Sans réduire l'univers de The Toxic Avenger à de la musique cinématographique, on sent l'importance des images et du visuel dans les créations du Parisien. En roulant avec « Mob », l'extrait de « Ξ » ci-dessus, on pourrait s'imaginer en plein suspense d'une course poursuite haletante. Pas étonnant quand on sait que son père est photographe. Ni rien de bien surprenant à découvrir chez lui des films et affiches de film, qui traînent un peu partout (ce qui ne plait pas toujours à sa compagne, selon ses aveux). Ses deux premiers albums, ANGST et Romance and Cigarettes, portaient d'ailleurs des noms de films. The Toxic Avenger aussi, est un nom de film.

« Avant de me marier, j'avais une réputation de zinzin »

Mais les films ne sont que des demi-prétextes. Son bien nommé premier album, ANGST, laissait paraître une angoisse, une colère que Toxic Avenger retranscrit dans sa musique. Un ressenti gravé jusque dans la peau de l'artiste, le nom de son opus nº1 étant tatoué sur son bras droit. Légèrement présent dans « Mob », la douleur est aujourd'hui teintée de douceur, de l'ouverture « Close » au morceau terminal « Gloomy Sunday », en passant par « You Were There ».

« Je suis marié, j'ai des enfants, la vie et le temps m'ont apaisés »
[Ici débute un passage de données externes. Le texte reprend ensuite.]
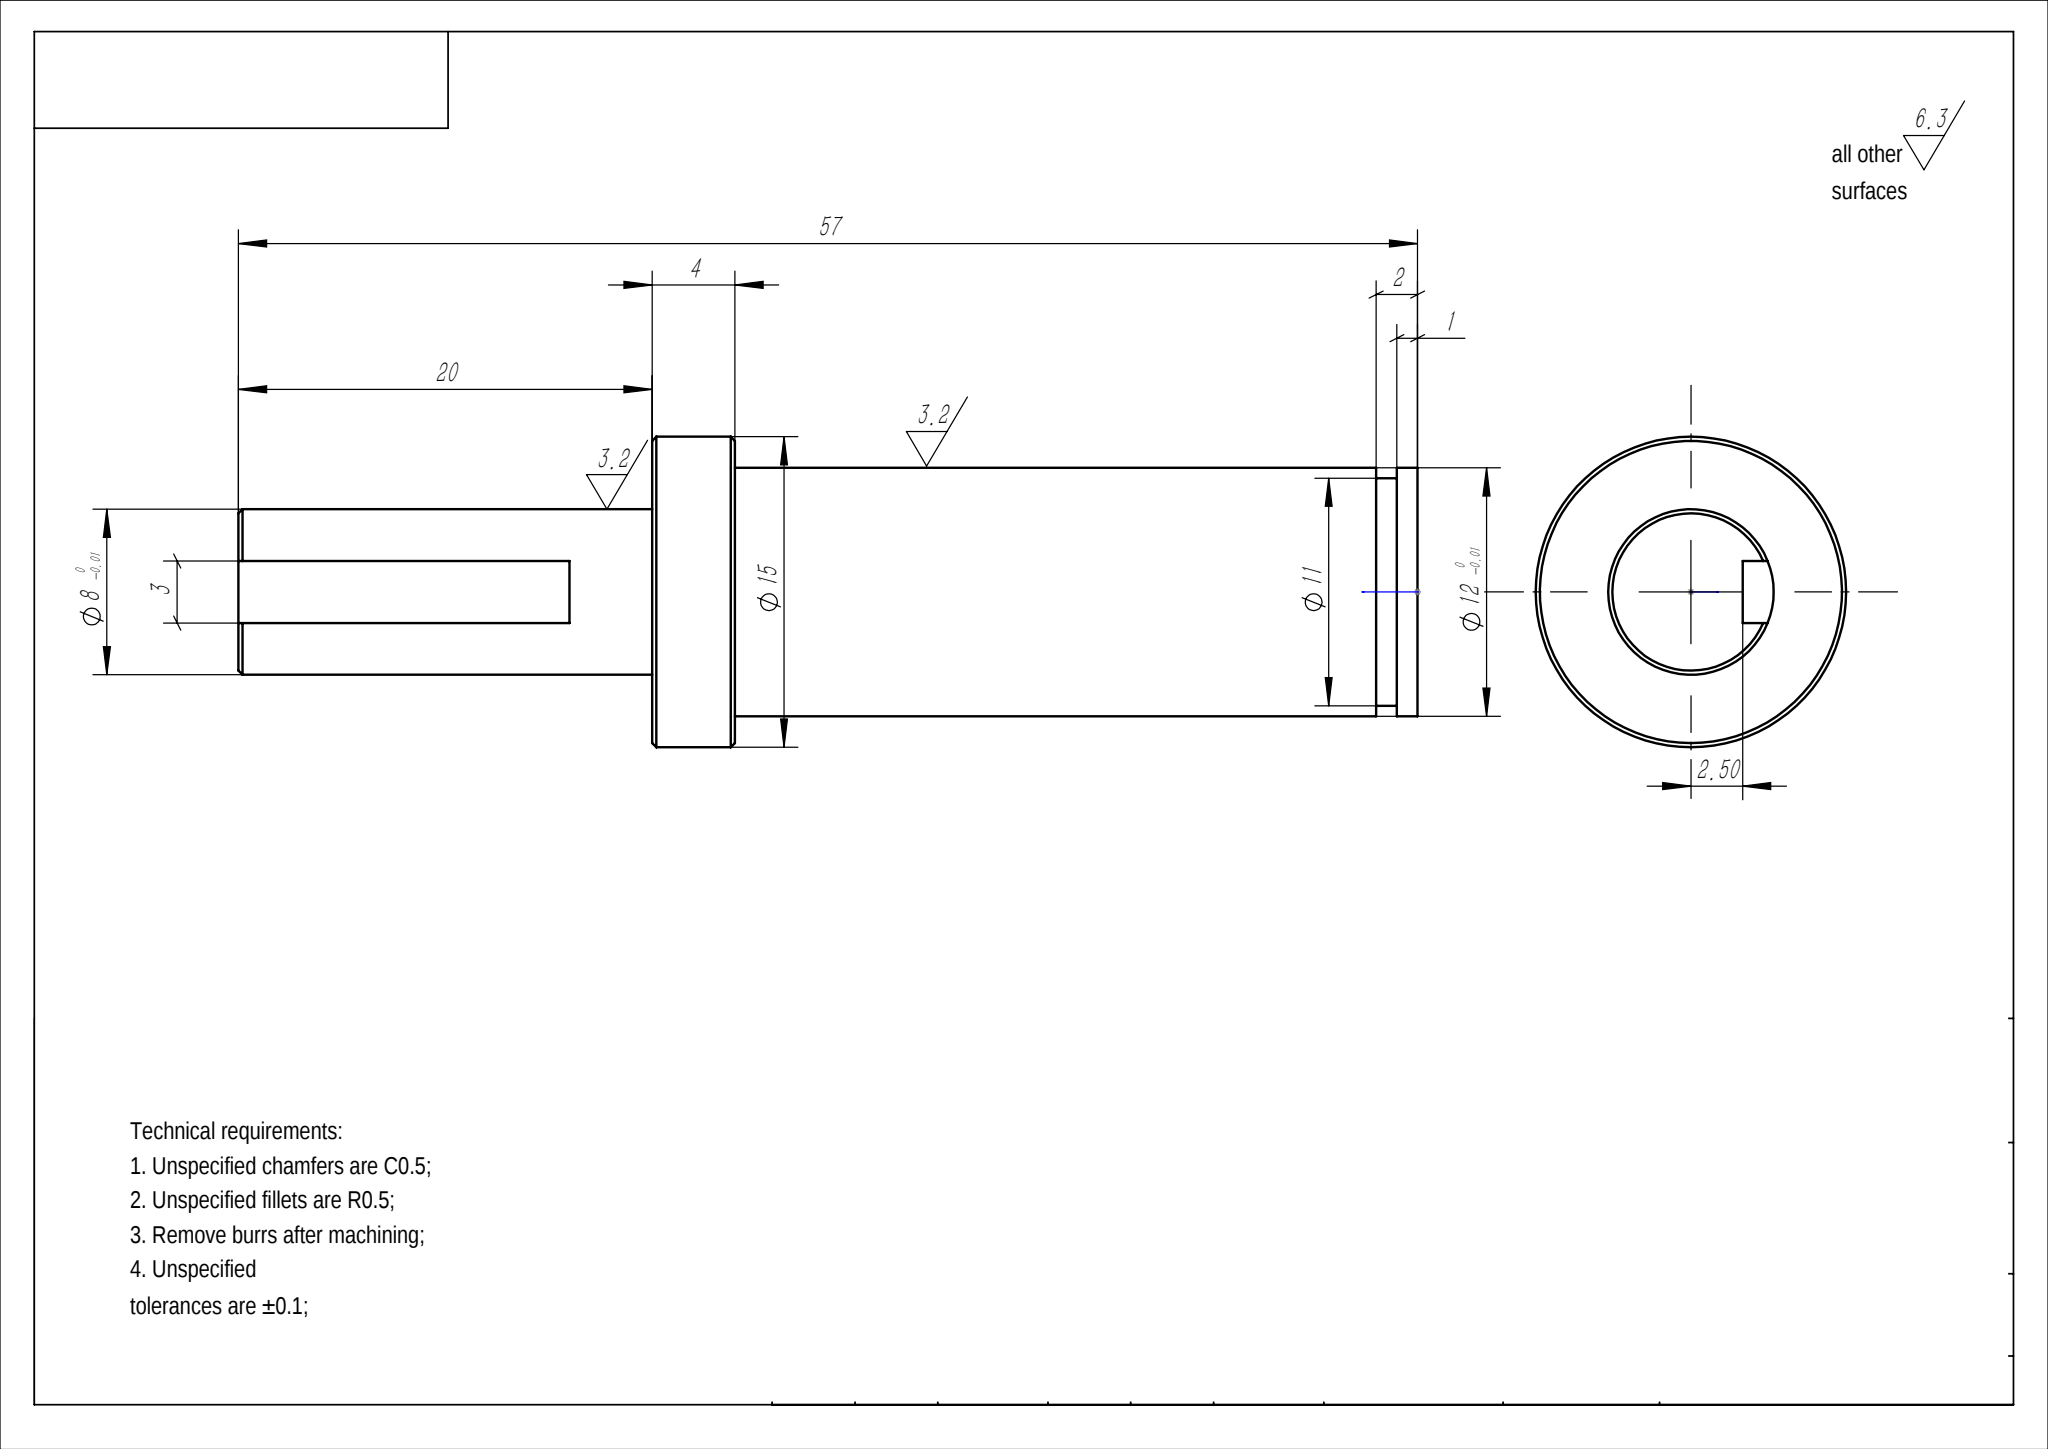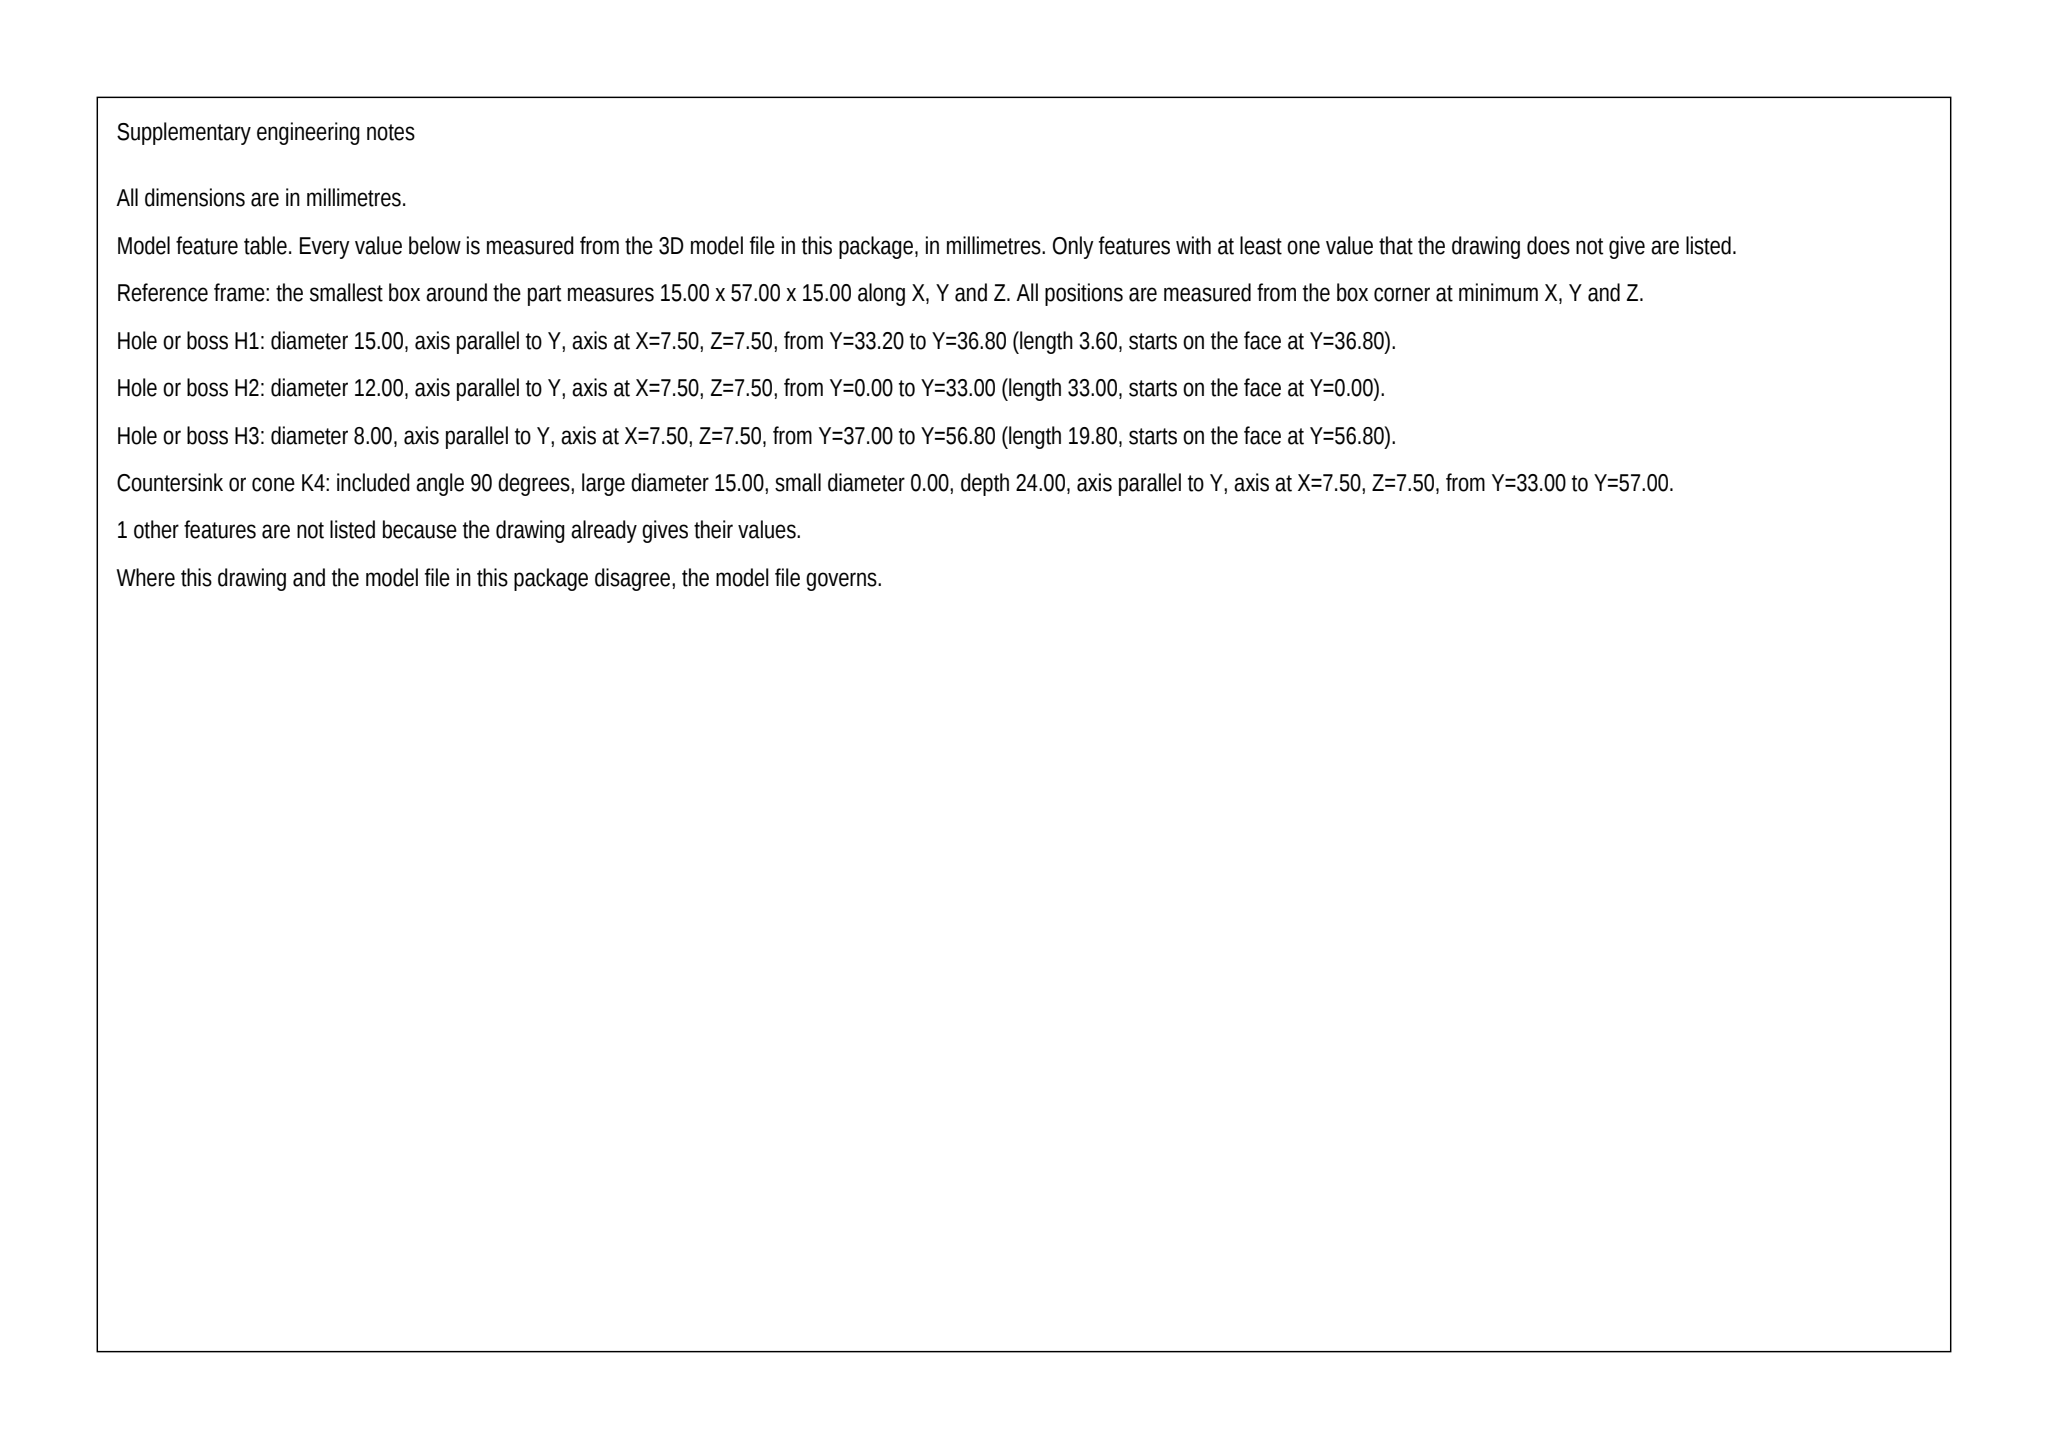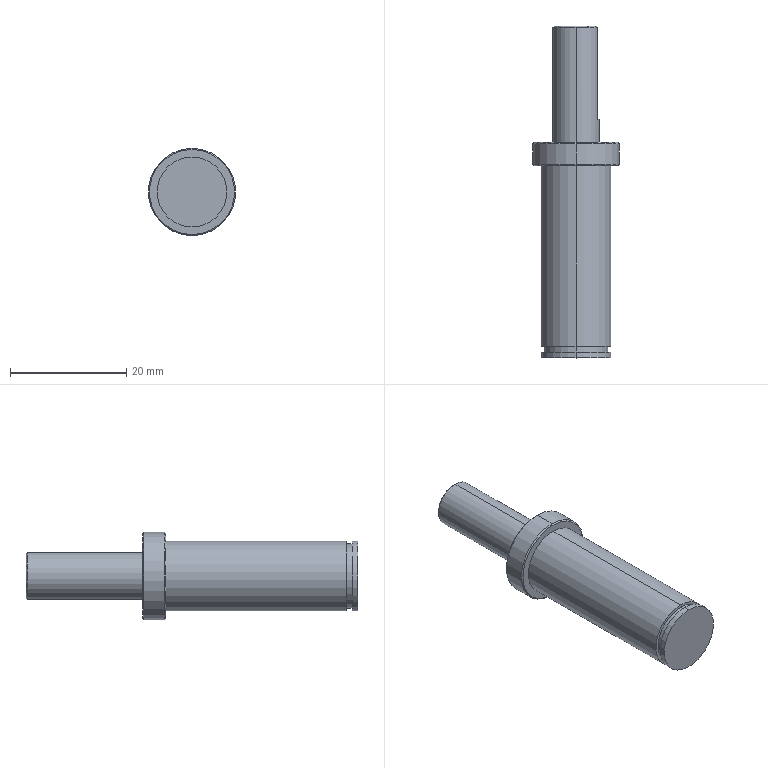Part | SolidWorks | mm | 1 solid | 27 faces | box 15 x 57 x 15 mm | volume 5357 mm3 | cylinder 10 | plane 10 | cone 7 | commonest cylinder face diameters 12 x4 11 x2 8 x2 15 x2
build123d program:
from build123d import *

# Parameters (mm, degrees)
SKETCH1_R           = 6
BOSS_EXTRUDE1_DEPTH = 33
SKETCH2_R           = 7.5
BOSS_EXTRUDE2_DEPTH = 4
SKETCH3_R           = 4
BOSS_EXTRUDE3_DEPTH = 20
SKETCH5_W           = 3
SKETCH5_H           = 3
CUT_EXTRUDE1_DEPTH  = 16
CHAMFER1_SIZE       = 0.2
SKETCH6_W           = 1
SKETCH6_H           = 1


with BuildPart() as part:
    # Sketch1 → Boss-Extrude1 (new body)
    with BuildSketch(Plane(origin=(0, 0, 0), x_dir=(1, 0, 0), z_dir=(0, 1, 0))):
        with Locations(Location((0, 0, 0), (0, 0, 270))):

Le deuxième album du loustic, Romance and Cigarettes, sonnait lui comme un médicament, une alternative au mal-être. Fumer et aimer pour oublier, profiter. Un second album estival aux accents bien plus pop, voire disco. Certains morceaux de « Ξ » colportent aussi cette chaleur, de manière légèrement plus subtile. Tant dans les aspects sombres que colorés de sa musique, The Toxic Avenger apparaît ici plus modéré. « Over me » incarne cette touche plus calme et positive, comme le surprenant « Tear You Apart » où une patte plus détendue de sa production se révèle. Patte qu'on ne lui connaissait pas forcément.

« J'ai besoin d'aller dans les extrêmes pour me balancer »

Le troisième volet de la trilogie Toxic Avenger serait donc celui de l'équilibre. Une harmonie traversée en solitaire, puisqu'il n'y a aucun featuring sur ce projet. Il reconnaît d'ailleurs : « Je suis bien entouré pour la communication (sa femme), les clips (Mathieu Juric) et la promotion (Roy Music). En revanche, pour le processus de création, j'ai besoin d'être seul. Je viens du rock et j'ai horreur des guerres d'ego, même si je ne pense pas en avoir tant que ça ». Les intervenants étaient pourtant nombreux dans ces précédents projets. Parmi eux, deux fameux rappeurs français...

« Choisir entre Orelsan et Disiz, c'est comme entre papa et maman »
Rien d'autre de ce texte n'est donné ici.